Course plan

 

Week 1: Introduction

 

Lecture: You will be introduced to working with Python 3 (Anaconda, JupyterLab, VS Code). We will:

  1. Solve a consumer problem

  2. Simulate an AS-AD model


Class: Work on DataCamp courses (free access will be provided):

  1. Intro to Python for Data Science

  2. Intermediate Python for Data Science

  3. Introduction to Git

  4. Python Data Science Toolbox I

 

Week 2: Fundamentals: Primitives

 

Lecture: You will be given an in-depth introduction to the fundamentals of Python (objects, variables, operators, classes, methods, functions, conditionals, loops). You learn to discriminate between different types such as integers, floats, strings, lists, tuples and dictionaries, and determine whether they are subscriptable (slicable) and/or mutable. You will learn about referencing and scope. You will learn a tiny bit about floating point arithmetics.

Class: Continue to work on DataCamp courses

 

Week 3: Fundamentals: Optimize, print and plot

 

Lecture: You will learn how to work with numerical data (numpy) and solve simple numerical optimization problems (scipy.optimize) and report the results both in text (print) and in figures (matplotlib).

Class: Continue to work on DataCamp courses

 

Week 4: Fundamentals: Random numbers and simulation

 

Lecture: You will learn how to use a random number generator with a seed and produce simulation results (numpy.random, scipy.stats), and calcuate the expected value of a random variable through Monte Carlo integration. You will learn how to save your results for later use (pickle). Finally, you will learn how to make your figures interactive (ipywidgets).

Class: Problem Set 1: Solving the consumer problem

 

Week 5: Fundamentals: Workflow and debugging

 

Lecture: You will learn how to structure and comment your code and document it for later use. You will learn how to debug your code using print, assert and try/except statements. You will learn how to write modules and run scripts from a terminal in VSCode and how to share your code with others through Git.

Class: Problem Set 2: Finding the Walras equilibrium in a multi-agent economy

 

Week 6: Fundamentals: Examples and overview

 

Lecture: You will see more examples of economic models and get an overview of what you have learned so far.

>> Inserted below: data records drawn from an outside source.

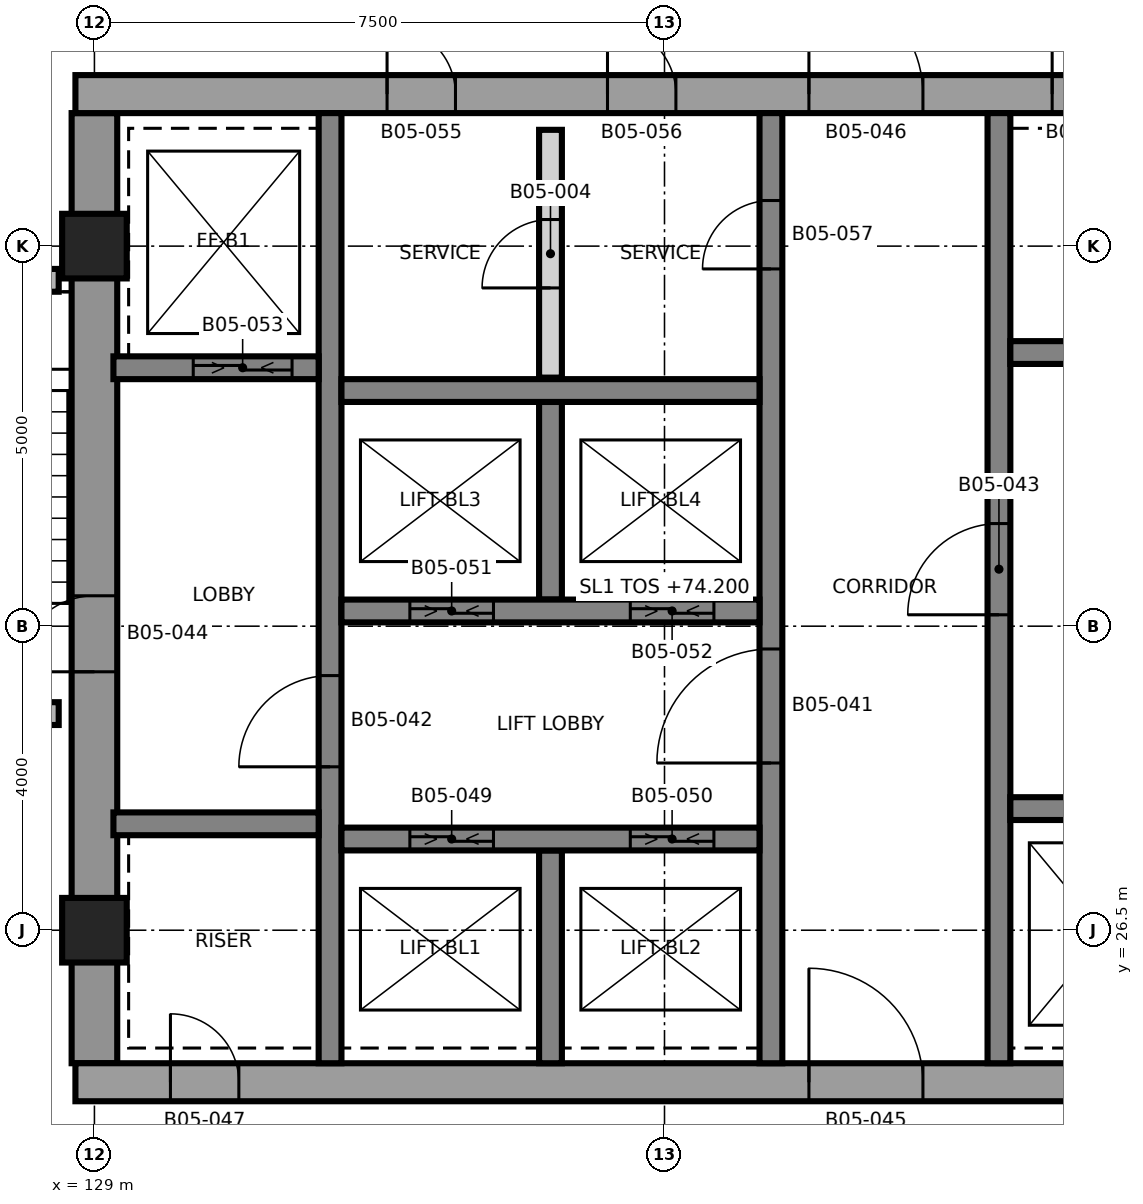
"""IFC4 building model, lengths in metres.
Left out: names, types, materials, properties, quantities, classifications, styles, units other than length and angle.
Written with IfcOpenShell. Run it as: python <this file> out.ifc"""

import sys

from ifc_helpers import new_model, si_unit, direction, frame, frame_2d, origin, origin_2d, place, context, subcontext, project, spatial, rectangle, extrude, element, fill, save


model = new_model("IFC4")
c1 = context("Model", 3, precision=1e-05, world=origin(), true_north=direction((0.0, 1.0)))
c2 = subcontext(c1, "Body", "Model", "MODEL_VIEW")
j1 = project(units=[si_unit("LENGTHUNIT", "METRE"), si_unit("PLANEANGLEUNIT", "RADIAN")], contexts=[c1])
p1 = place(None, origin())
s1 = spatial("IfcSite", under=j1, at=p1, CompositionType="ELEMENT")
p2 = place(p1, origin())
s2 = spatial("IfcBuilding", under=s1, at=p2, CompositionType="ELEMENT")
p3 = place(p2, frame((0.0, 0.0, 74.2)))
s3 = spatial("IfcBuildingStorey", under=s2, at=p3, CompositionType="ELEMENT", Elevation=74.2)
p4 = place(p3, frame((129.0, 24.75, 0.0), z_axis=(0.0, 0.0, 1.0), x_axis=(0.0, 1.0, 0.0)))
e1 = element("IfcWall", 1, at=p4, inside=s3, PredefinedType="SHEAR", context=c2, shape_type="SweptSolid", body=[
    extrude(rectangle(XDim=12.5, YDim=0.6, at=frame_2d((6.25, 0.0))), origin(), (0.0, 0.0, 1.0), 3.7),
])
p5 = place(p4, frame((5.15, 0.0, 0.0)))
e2 = element("IfcOpeningElement", 2, at=p5, cuts=e1, PredefinedType="OPENING", context=c2, shape_type="SweptSolid", body=[
    extrude(rectangle(XDim=1.0, YDim=2.1, at=frame_2d((0.5, 1.05))), frame((0.0, 0.31, 0.0), z_axis=(0.0, -1.0, 0.0), x_axis=(1.0, 0.0, 0.0)), (0.0, 0.0, 1.0), 0.62),
])
p6 = place(p3, frame((128.75, 24.5, 0.0), z_axis=(0.0, 0.0, 1.0), x_axis=(1.0, 0.0, 0.0)))
e3 = element("IfcWall", 3, at=p6, inside=s3, PredefinedType="SHEAR", context=c2, shape_type="SweptSolid", body=[
    extrude(rectangle(XDim=15.0, YDim=0.5, at=frame_2d((7.5, 0.0))), origin(), (0.0, 0.0, 1.0), 3.7),
])
p7 = place(p6, frame((9.65, 0.0, 0.0)))
e4 = element("IfcOpeningElement", 4, at=p7, cuts=e3, PredefinedType="OPENING", context=c2, shape_type="SweptSolid", body=[
    extrude(rectangle(XDim=1.5, YDim=2.1, at=frame_2d((0.75, 1.05))), frame((0.0, 0.26, 0.0), z_axis=(0.0, -1.0, 0.0), x_axis=(1.0, 0.0, 0.0)), (0.0, 0.0, 1.0), 0.52),
])
p8 = place(p6, frame((1.25, 0.0, 0.0)))
e5 = element("IfcOpeningElement", 5, at=p8, cuts=e3, PredefinedType="OPENING", context=c2, shape_type="SweptSolid", body=[
    extrude(rectangle(XDim=0.9, YDim=2.1, at=frame_2d((0.45, 1.05))), frame((0.0, 0.26, 0.0), z_axis=(0.0, -1.0, 0.0), x_axis=(1.0, 0.0, 0.0)), (0.0, 0.0, 1.0), 0.52),
])
p9 = place(p3, frame((128.75, 37.5, 0.0), z_axis=(0.0, 0.0, 1.0), x_axis=(1.0, 0.0, 0.0)))
e6 = element("IfcWall", 6, at=p9, inside=s3, PredefinedType="SHEAR", context=c2, shape_type="SweptSolid", body=[
    extrude(rectangle(XDim=15.0, YDim=0.5, at=frame_2d((7.5, 0.0))), origin(), (0.0, 0.0, 1.0), 3.7),
])
p10 = place(p9, frame((9.65, 0.0, 0.0)))
e7 = element("IfcOpeningElement", 7, at=p10, cuts=e6, PredefinedType="OPENING", context=c2, shape_type="SweptSolid", body=[
    extrude(rectangle(XDim=1.5, YDim=2.1, at=frame_2d((0.75, 1.05))), frame((0.0, 0.26, 0.0), z_axis=(0.0, -1.0, 0.0), x_axis=(1.0, 0.0, 0.0)), (0.0, 0.0, 1.0), 0.52),
])
p11 = place(p9, frame((12.85, 0.0, 0.0)))
e8 = element("IfcOpeningElement", 8, at=p11, cuts=e6, PredefinedType="OPENING", context=c2, shape_type="SweptSolid", body=[
    extrude(rectangle(XDim=0.9, YDim=2.1, at=frame_2d((0.45, 1.05))), frame((0.0, 0.26, 0.0), z_axis=(0.0, -1.0, 0.0), x_axis=(1.0, 0.0, 0.0)), (0.0, 0.0, 1.0), 0.52),
])
p12 = place(p9, frame((4.1, 0.0, 0.0)))
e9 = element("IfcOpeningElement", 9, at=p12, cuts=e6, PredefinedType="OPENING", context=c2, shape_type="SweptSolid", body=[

Class: Work on your inaugural project

 

Week 7: Working with Data: Load/save and structure data

 

Lecture: You will learn to load and save data both to and from offline sources (e.g. CSV or Excel). You will learn about pandas series and dataframes, and how to clean, rename, structure and index your data.

Class: Problem Set 3: Loading and structuring data from Denmark Statistics

 

Week 8: Working with Data: Basic data analysis

 

Lecture: You will learn how to combine (join and concatenate) datasets, download online datasets (throguh an API), and use split-apply-combine to calculate group-level statistics and make group-level plots.

Class: Problem Set 4: Analyzing data form Denmark Statistics

 

Week 9: Algorithms: Searching and sorting

 

Lecture: You will learn how to write pseudo code and a bit about computational complexity (big-O notion). You will learn learn about functional recursion and some illustrative search (sequential, binary) and sort (bubble, insertion, quick) algorithms.

Class: Problem Set 5: Writing your own algorithms

 

Week 10: Algorithms: Solving equations

 

Lecture: You will learn about working with matrices and linear algebra (scipy.linalg), including solving systems of linear equations. You will learn to find roots of linear and non-linear equations both numerically (scipy.optimize) and symbolically (sympy).

Class: Problem Set 6: Solving the Solow Model

 

Week 11

 

Lecture: Easter holiday

Class: Work on your data analysis project

 

Week 12: Algorithms: Numerical optimization

 

Lecture: You will learn to solve non-convex multi-dimensional optimization problems using numerical optimization with multistart and nesting (scipy.optimize). You will learn simple function approximation using linear interpolation (scipy.interp).

Class: Problem Set 7: Solving the consumer problem with income risk

 

Week 13: Further Perspectives: Canonical Economic Models

 

Lecture: You will see how to apply to tools and methods you have learned to solve canonical economic models.

Class: Work on your model analysis project

 

Week 14: Further Perspectives: Agent Based Models and Estimation

 

Lecture: You will see how to apply to tools and methods you have learned to solve agent based models. You will also see how to estimate the consumption savings model.

Class: Work on your model analysis project

 

Week 15: Further Perspectives: The need for speed

 

Lecture: You will learn how to time your code and locate its bottlenecks. You will learn how to alleviate such bottlenecks using techniques such as comprehensions, generators, vectorization and parallelization. You will be introduced to how to use the Numba library to speed-up your code. You will hear about the fundamental computational costs of mathematical operations and memory management (caching).